Perto da hora de regressar ao trabalho fui à caixa e pedi para pagar o meu café e o da senhora que estava na mesa ao lado. A empregada, algo surpreendida e até consternada, indicou-me que não havia necessidade, a senhora não precisava. Insisti, disse-lhe que não se tratava de caridade. Simplesmente gostaria de oferecer aquele café. Ela olhava intercaladamente para mim e para a senhora da mesa ao lado. Por fim, dirigindo-me à senhora perguntei:
Não se importa que pague o seu café? Reparei que teve uma manhã difícil e gostava de lhe oferecer este miminho.
Agradeceu com um sorriso generoso a amabilidade e por fim lá paguei.
Alguns dias depois quis o destino que eu e a senhora nos voltássemos a encontrar.
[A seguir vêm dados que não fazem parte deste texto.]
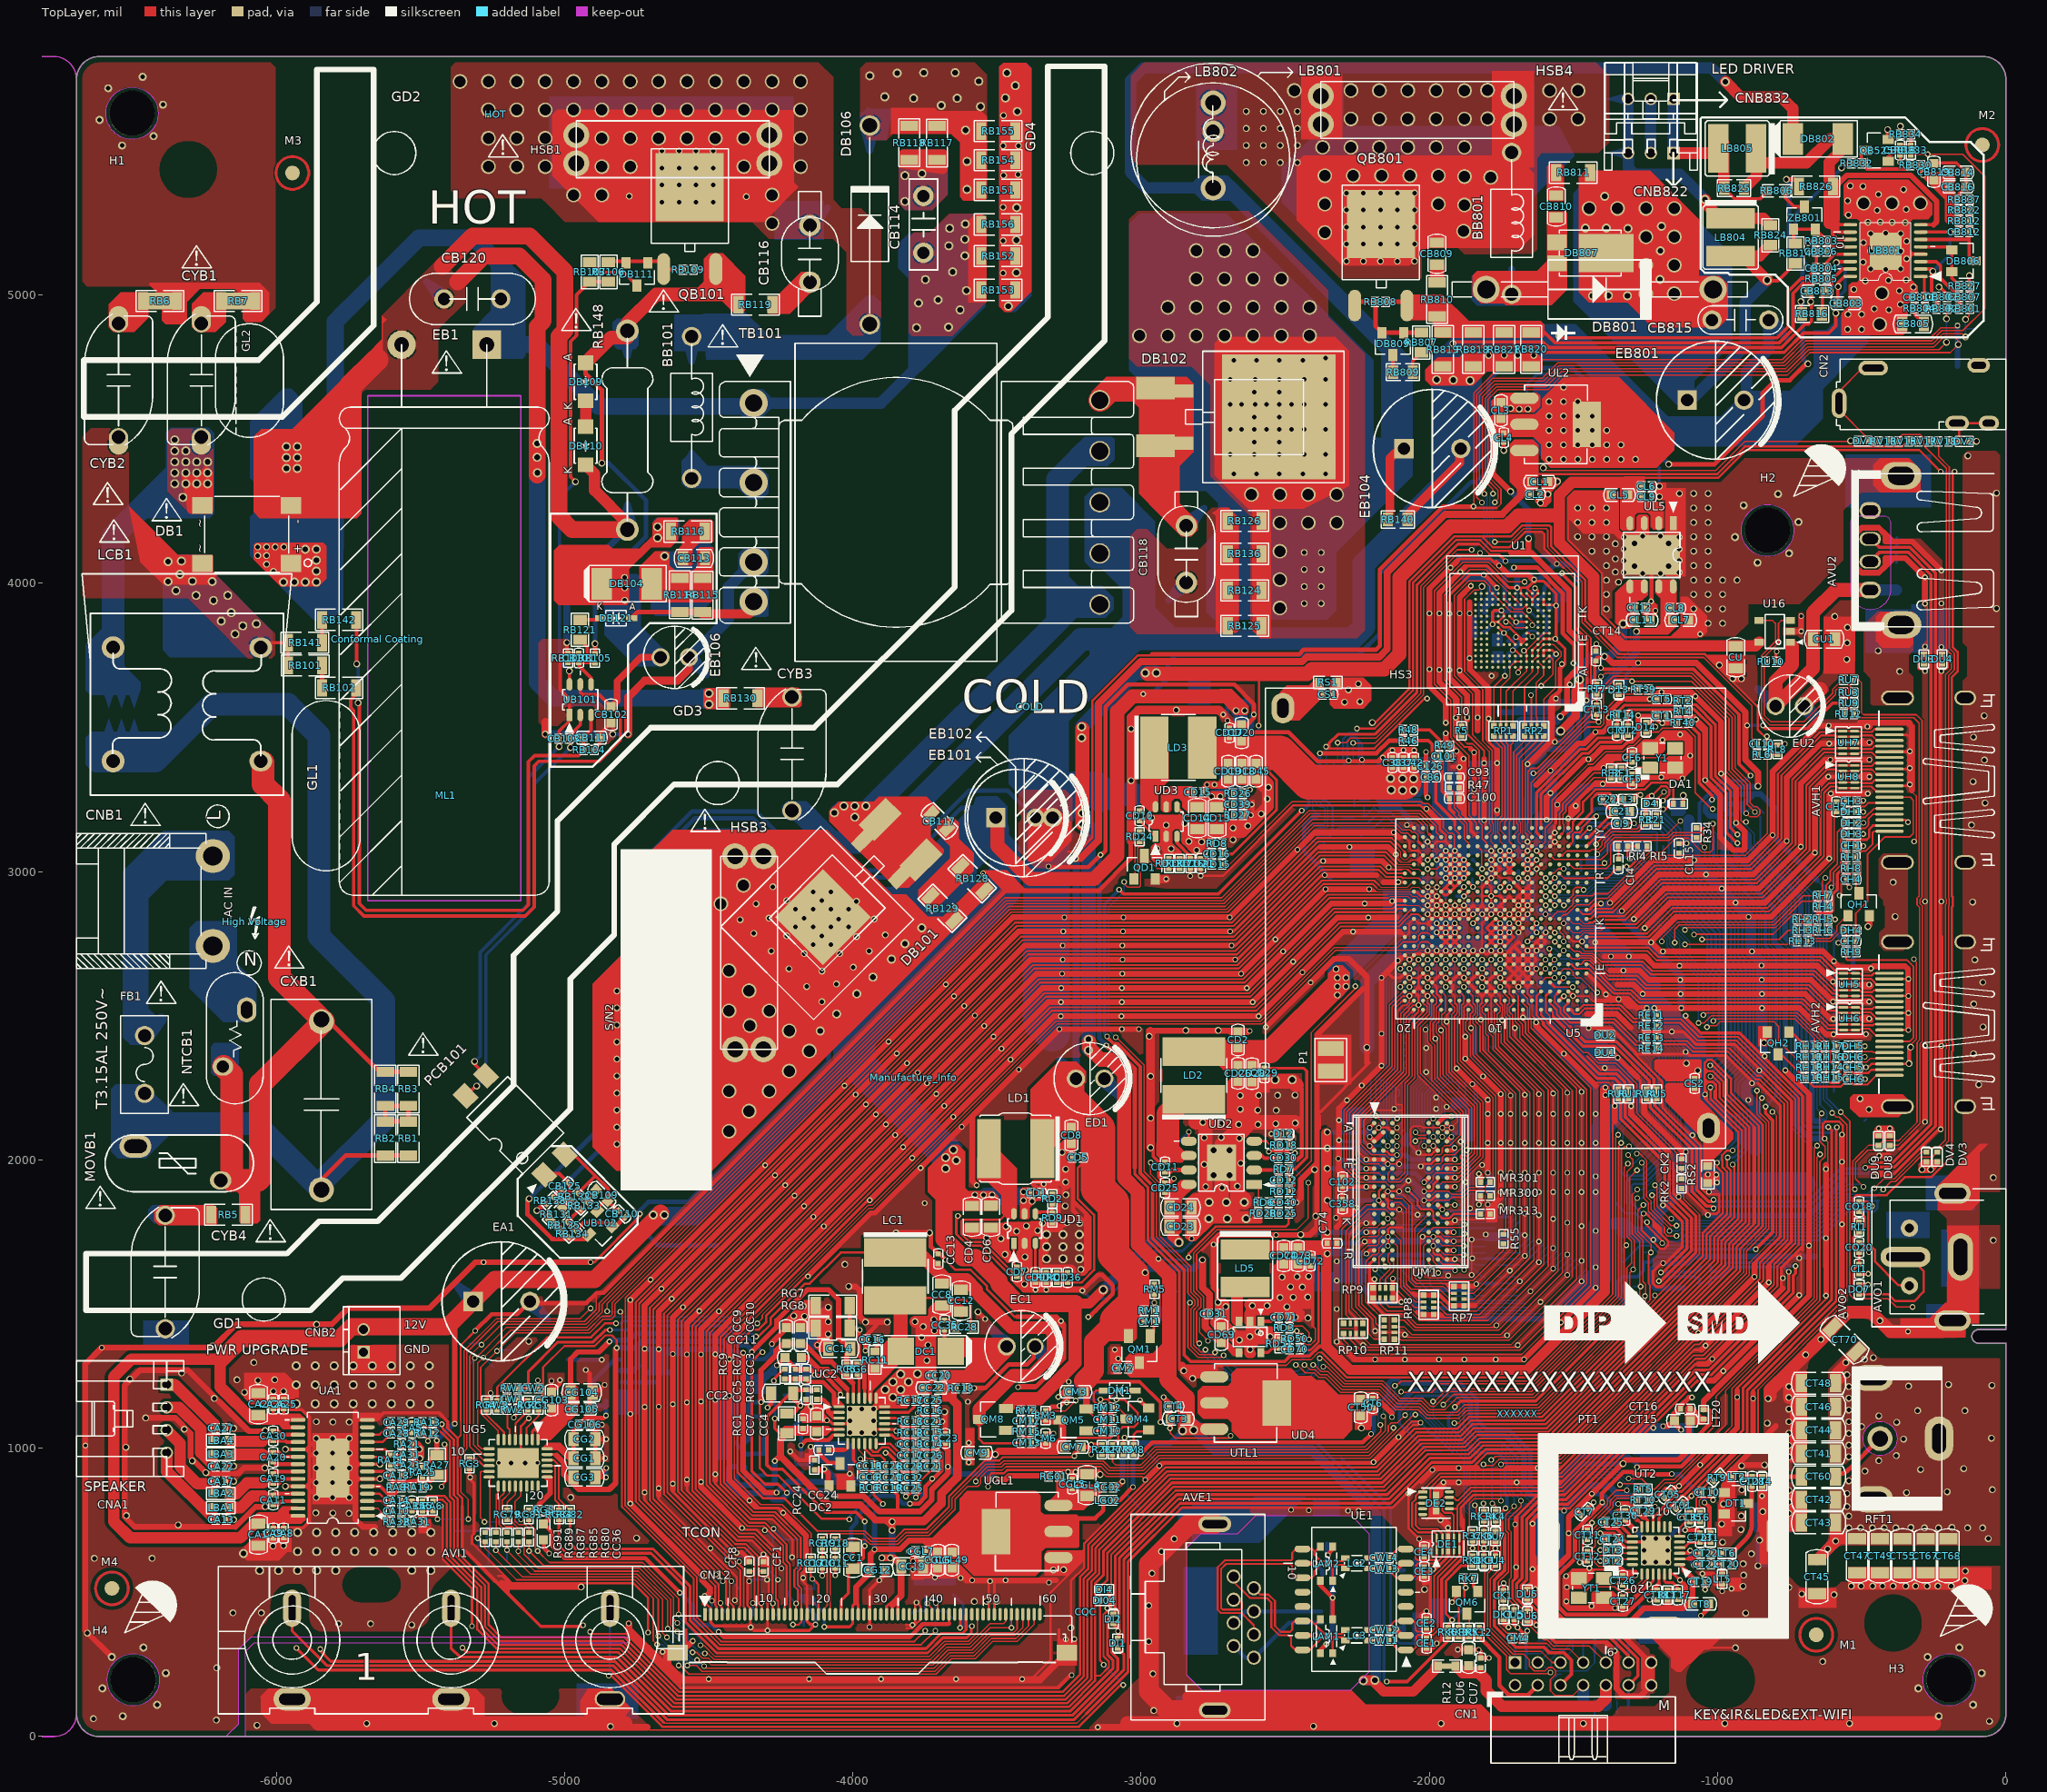
[diagram p0: TopLayer view]
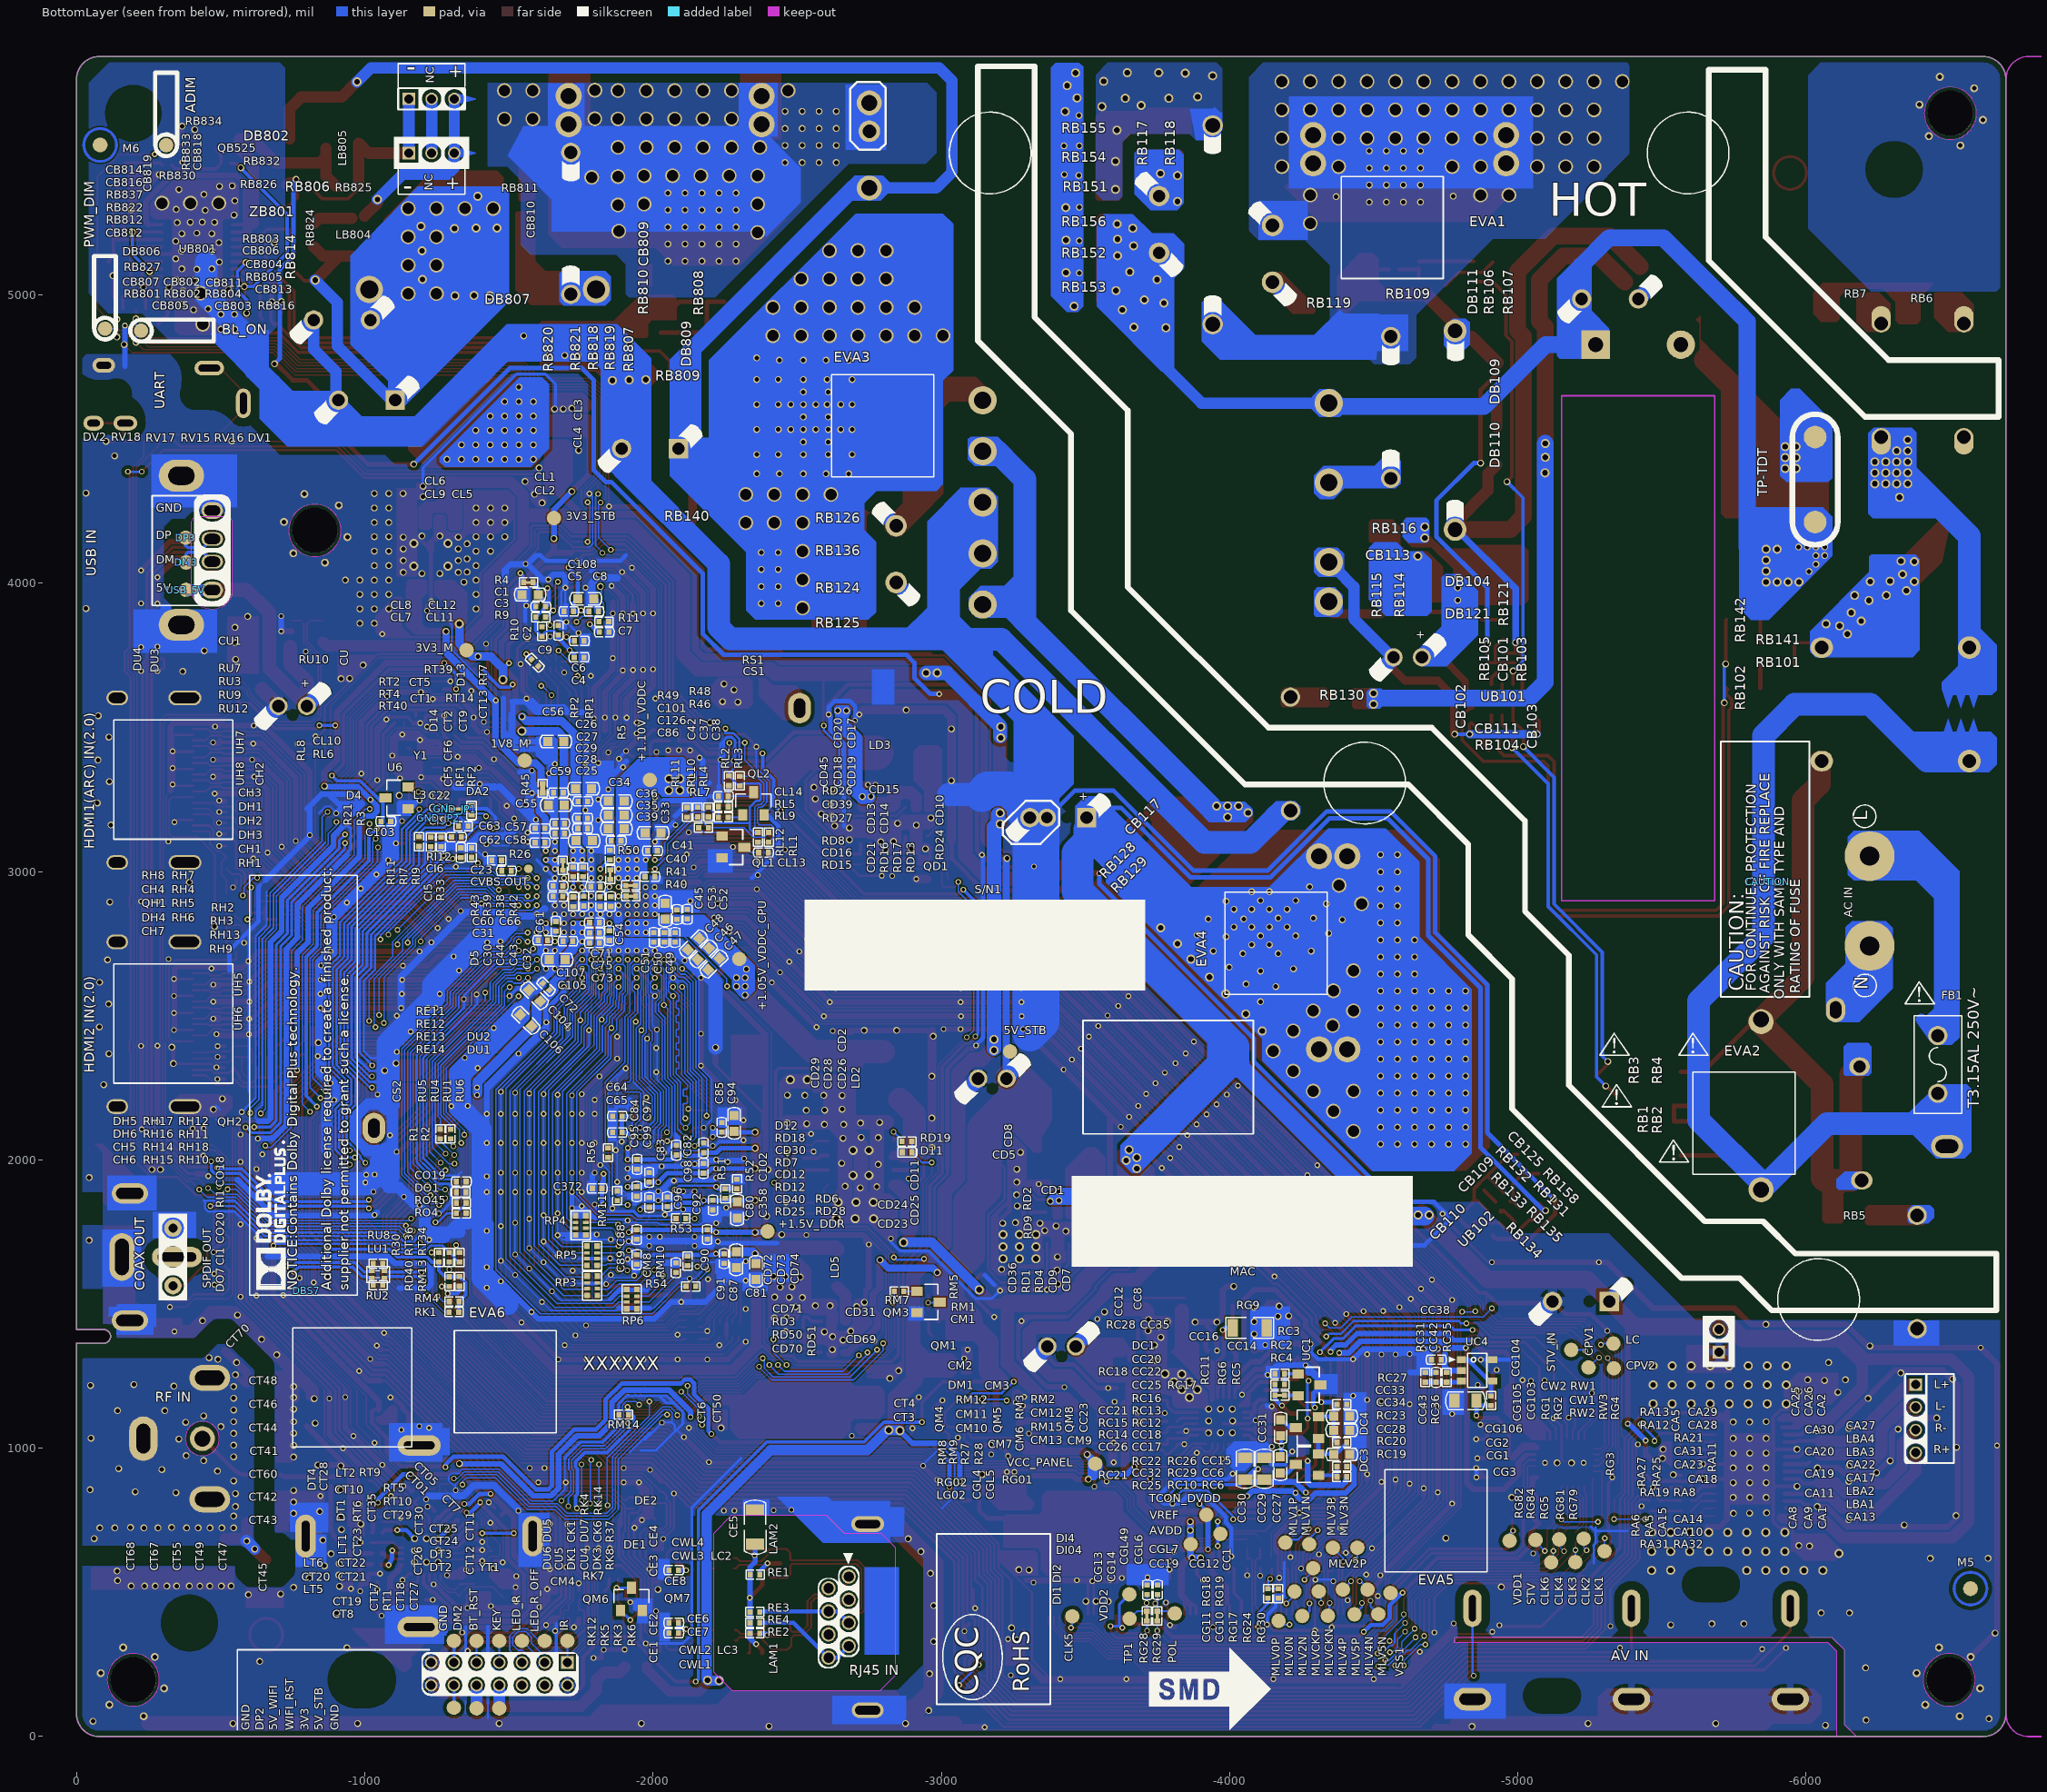
[diagram p1: BottomLayer view, seen from below]
# Altium PCB MISC84395.PcbDoc (part 1 of 26)
Units mil, origin at the board's own origin, x right, y up, seen from the top; angles counter-clockwise.
Board outline 6692.91 x 5826.77 mil, 2 copper layers (TopLayer, BottomLayer), stack 61.855 mil thick; 951 components, 565 nets, 4374 pads, 1804 vias.
Unrouted connection lines stored in the file: 1.

## Layer stack, top to bottom
TopLayer: signal copper 1.4
Dielectric: core 59.055, FR-4, Dk 4.8
BottomLayer: signal copper 1.4

## Board outline
-6692.91,78.74 -6692.91,5748.03 cw(c-6614.17,5748.03) -6614.17,5826.77 -78.74,5826.77 cw(c-78.74,5748.03) 0,5748.03 0,1411.42 -94.49,1411.42 ccw(c-94.49,1387.8) -118.11,1387.8 ccw(c-94.49,1387.8) -94.49,1364.17 0,1364.17 0,78.74 cw(c-78.74,78.74) -78.74,0 -6614.18,0 -6614.17,0 cw(c-6614.17,78.74)

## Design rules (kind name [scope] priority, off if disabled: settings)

Ironicamente, na esplanada onde fui beber café, só havia um lugar disponível – na mesa em que a senhora estava sentada, mesmo de frente para ela. Perguntei-lhe se se importava que me sentasse, visto ser o único lugar vago. Com um sorriso pronto disse:
‘De todo. Sente-se. Faz-me companhia’.
Rapidamente se lembrou de mim e começámos a conversar. Soube então que aquela bem-disposta senhora, de cabelo curto, pintado de vermelho, de 89 anos, se chama Milu.
Foi o primeiro café de muitos que já tomámos juntas desde então. Encontramo-nos com regularidade, praticamente sempre na mesma pastelaria e na mesma mesa.
Quase com o triplo da minha idade poderia pensar-se que poucos assuntos comuns teríamos, mas nada mais errado. Falamos um pouco de tudo. Da família, do que fazemos, dos planos, dos nossos interesses, de livros e hobbies, das perspetivas de vida que temos, enfim… São sempre minutos muito bem passados, numa conversa de tempo contado mas sem idade, entre duas amigas que gostam de partilhar um café e dois dedos de conversa.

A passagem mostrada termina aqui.